Markalarla ilgili sorun olmadığı açık. Real Madrid ve Manchester City yılda 350 ila 450 milyon dolar sponsorluk, ürün satışı ve lisans geliri elde ediyor ve bu açıdan NFL’in en değeri kulübü Dallas Cowboys ile aşağı yukarı aynı seviyedeler.
Yayın haklarında gelir uçurumu
En büyük uçurum ise yayın hakları alanında. NFL ve NBA’in naklen yayın değeri yılda sırasıyla 12 milyar dolar ve 7 milyar dolar seviyesinde. Ampere Analysis’e göre Premier League ve UEFA Şampiyonlar Ligi ise yayınlardan ikişer milyar dolar kazanıyor.

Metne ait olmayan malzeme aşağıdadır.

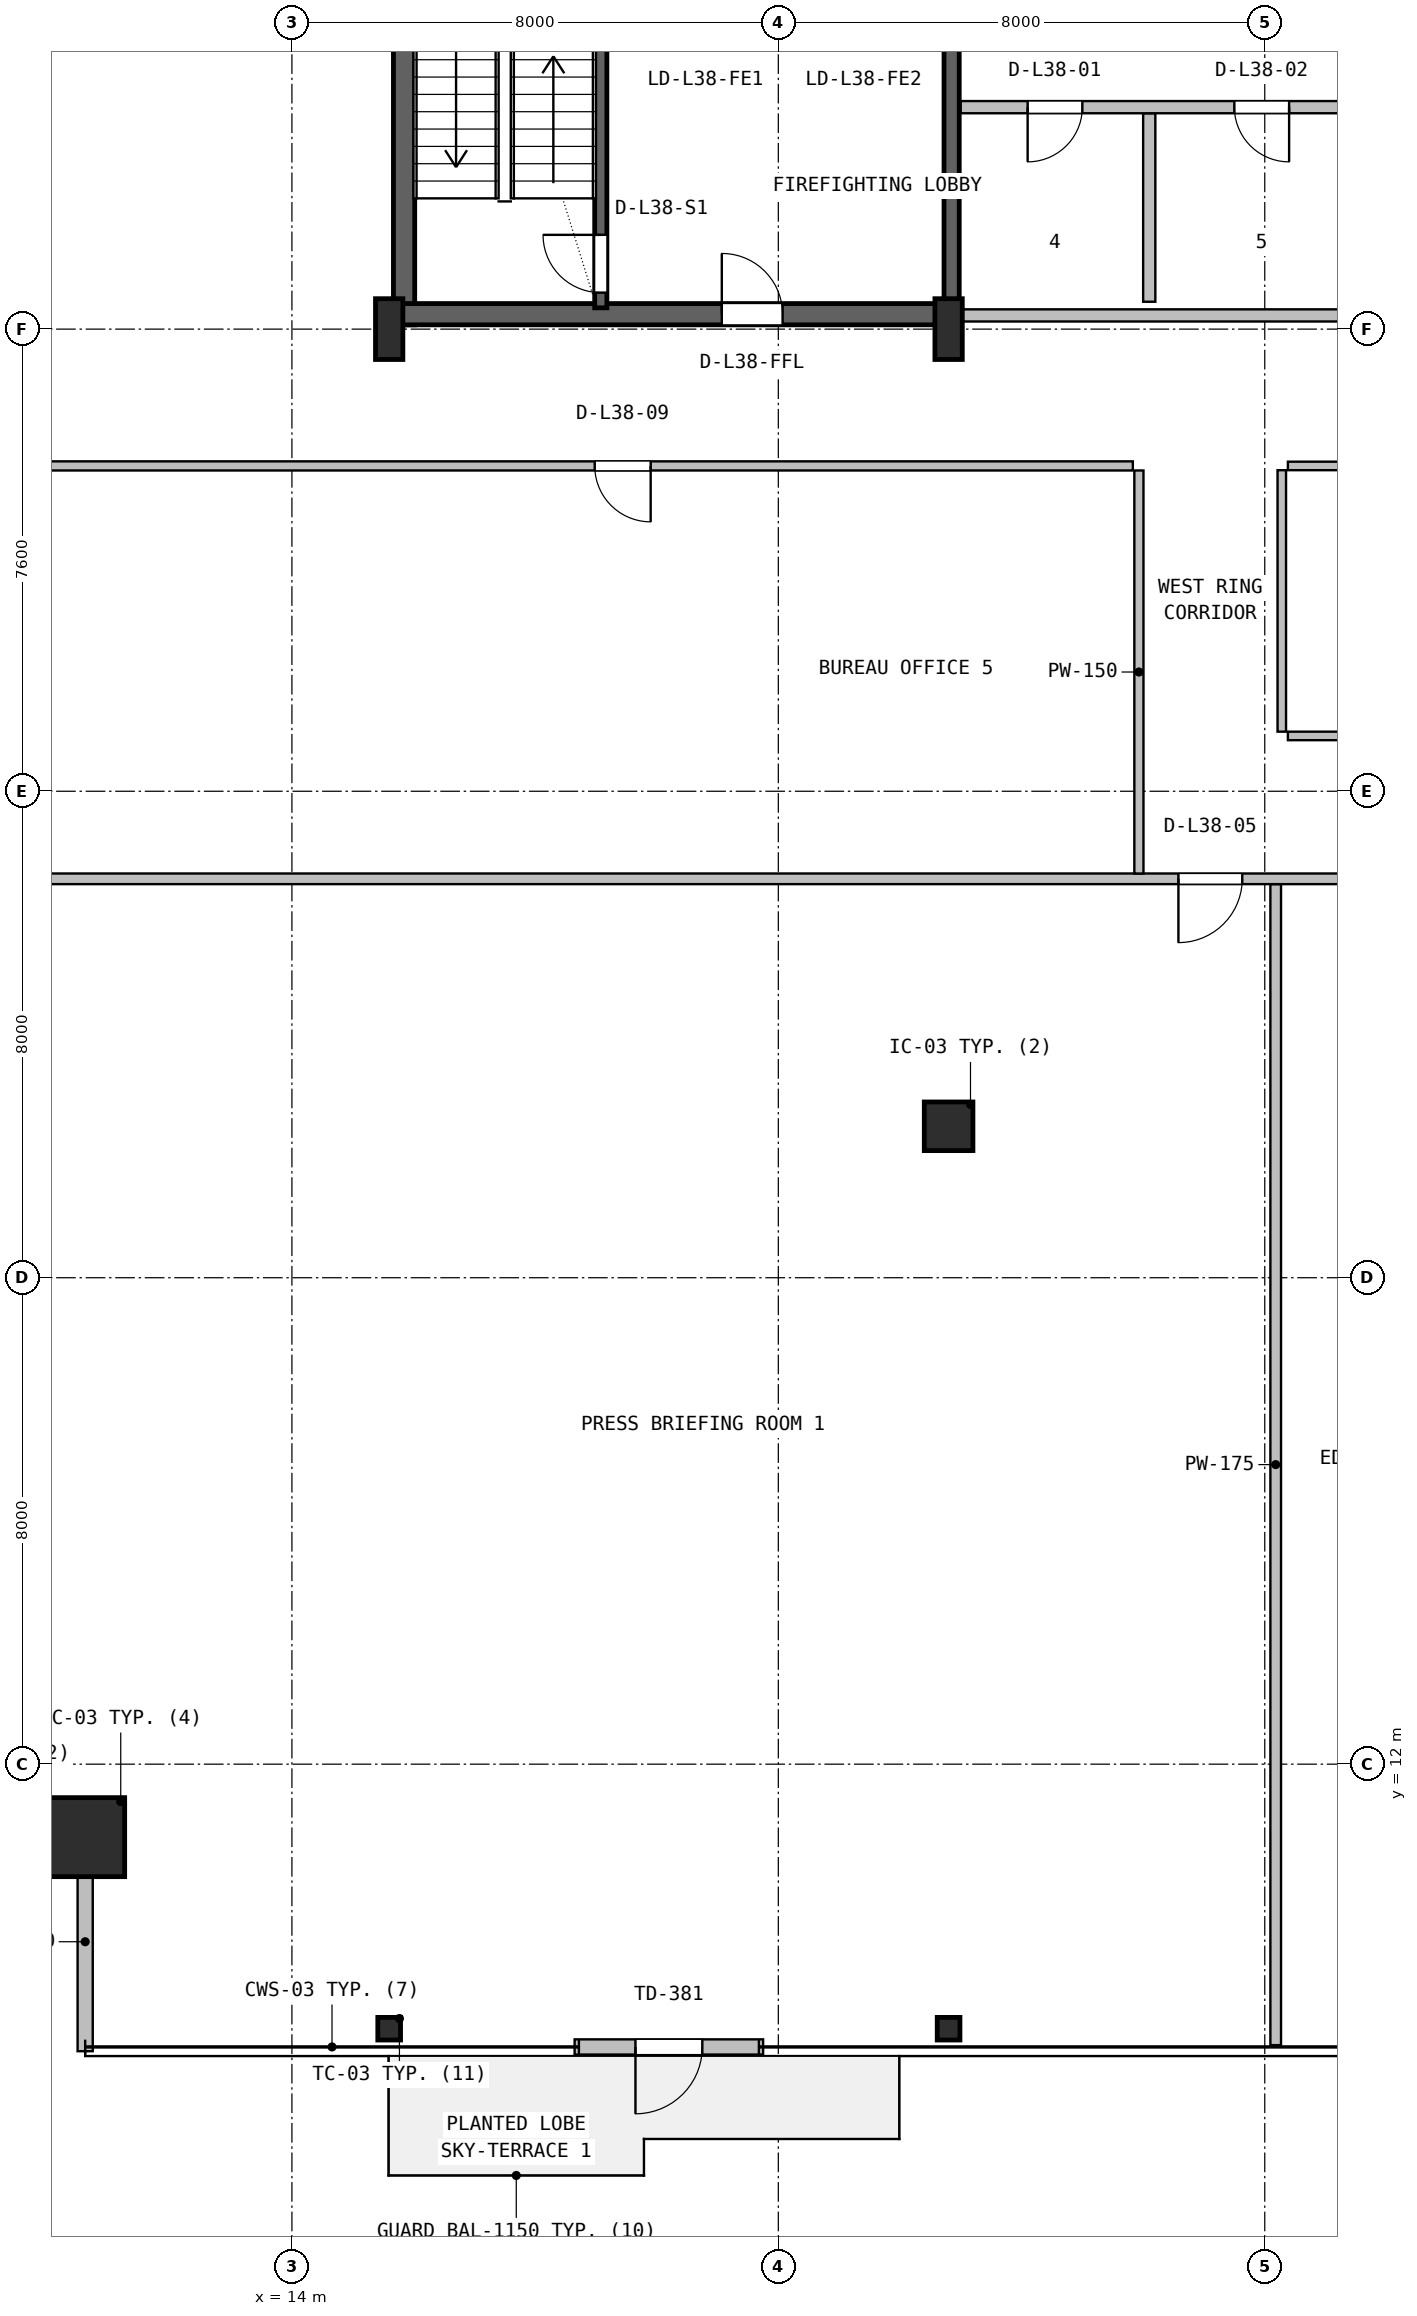
"""IFC4 building model, lengths in metres.
Left out: names, types, materials, properties, quantities, classifications, styles, units other than length and angle.
Written with IfcOpenShell. Run it as: python <this file> out.ifc"""

import sys

from ifc_helpers import new_model, si_unit, direction, frame, frame_2d, origin, origin_2d, place, context, subcontext, project, spatial, rectangle, hollow_rectangle, i_section, extrude, source, transform, mapped, element, fill, save


model = new_model("IFC4")
c1 = context("Model", 3, precision=1e-05, world=origin(), true_north=direction((0.0, 1.0)))
c2 = subcontext(c1, "Body", "Model", "MODEL_VIEW")
j1 = project(units=[si_unit("LENGTHUNIT", "METRE"), si_unit("PLANEANGLEUNIT", "RADIAN")], contexts=[c1])
p1 = place(None, origin())
s1 = spatial("IfcSite", under=j1, at=p1, CompositionType="ELEMENT")
p2 = place(p1, origin())
s2 = spatial("IfcBuilding", under=s1, at=p2, CompositionType="ELEMENT")
p3 = place(p2, frame((0.0, 0.0, 157.2)))
s3 = spatial("IfcBuildingStorey", under=s2, at=p3, CompositionType="ELEMENT", Elevation=157.2)
p4 = place(p3, frame((15.845, 35.67, 0.0), z_axis=(0.0, 0.0, 1.0), x_axis=(0.0, 1.0, 0.0)))
e1 = element("IfcWall", 1, at=p4, inside=s3, PredefinedType="SHEAR", context=c2, shape_type="SweptSolid", body=[
    extrude(rectangle(XDim=11.13, YDim=0.35, at=frame_2d((5.565, 0.0))), origin(), (0.0, 0.0, 1.0), 3.55),
])
p5 = place(p3, frame((15.67, 35.845, 0.0), z_axis=(0.0, 0.0, 1.0), x_axis=(1.0, 0.0, 0.0)))
e2 = element("IfcWall", 2, at=p5, inside=s3, PredefinedType="SHEAR", context=c2, shape_type="SweptSolid", body=[
    extrude(rectangle(XDim=9.13, YDim=0.35, at=frame_2d((4.565, 0.0))), origin(), (0.0, 0.0, 1.0), 3.55),
])
p6 = place(p5, frame((5.4, 0.0, 0.0)))
e3 = element("IfcOpeningElement", 3, at=p6, cuts=e2, PredefinedType="OPENING", context=c2, shape_type="SweptSolid", body=[
    extrude(rectangle(XDim=1.0, YDim=2.1, at=frame_2d((0.5, 1.05))), frame((0.0, 0.185, 0.0), z_axis=(0.0, -1.0, 0.0), x_axis=(1.0, 0.0, 0.0)), (0.0, 0.0, 1.0), 0.37),
])
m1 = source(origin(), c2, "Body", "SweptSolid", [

Geçen ay yürürlüğe giren yeni Şampiyonlar Ligi formatına bakarak bunun nedenini anlamak mümkün. Format çekişmeli maç sayısını artırmak için değiştirilse de birçok mücadele Bayern Münih’in Dinamo Zagreb karşısındaki 9-2’lik ezici galibiyeti gibi geçiyor. Mali kaynak dengesizliği çok fazla.
Avrupa’nın en üst düzey basketbol organizasyonu olan EuroLeague’in mali işler müdürü Xavi Puyada “Avrupa’da herkesin önceliği maç kazanmak. Aslında tek bir ürün sattığımızı kimse anlamıyor” diyor.
EuroLeague takımları zararda
EuroLeague’deki 18 takım yılda toplam 540 milyon dolar hasılat elde ediyor ve çoğu ciddi miktarda zarar ediyor. NBA kulüplerinin hasılatı ise 11 milyar dolar. Tam da bu yüzden EuroLeague geçen ay zorunlu maaş kısıtlamasını yürürlüğe koyan ilk Avrupalı organizasyon oldu. Maaş bantları lige katılan kulüplerin ortalama gelirlerinin belli bir yüzdesine denk gelecek ve oyuncular sendikası tarafından da kabul edilecek.
Puyada yıldızların gücünü dizginleyip daha cazip ve dengeli bir turnuva yaratmayı amaçlıyor. NBA’de uygulanan ve ihlal edenleri “lüks vergisi” ile cezalandıran “yumuşak” maaş tavanından ve Major League Soccer’daki bazı istisnalardan ilham almış. EuroLeague özelinde istisnalar takımların en büyük iki yıldızına ve “sözleşmesi uzatılan” oyuncularına uygulanacak.
Neticede spor söz konusu olduğunda, kapitalist sistemin çelişkilerine işaret eden Marksist iddia haksız olmayabilir.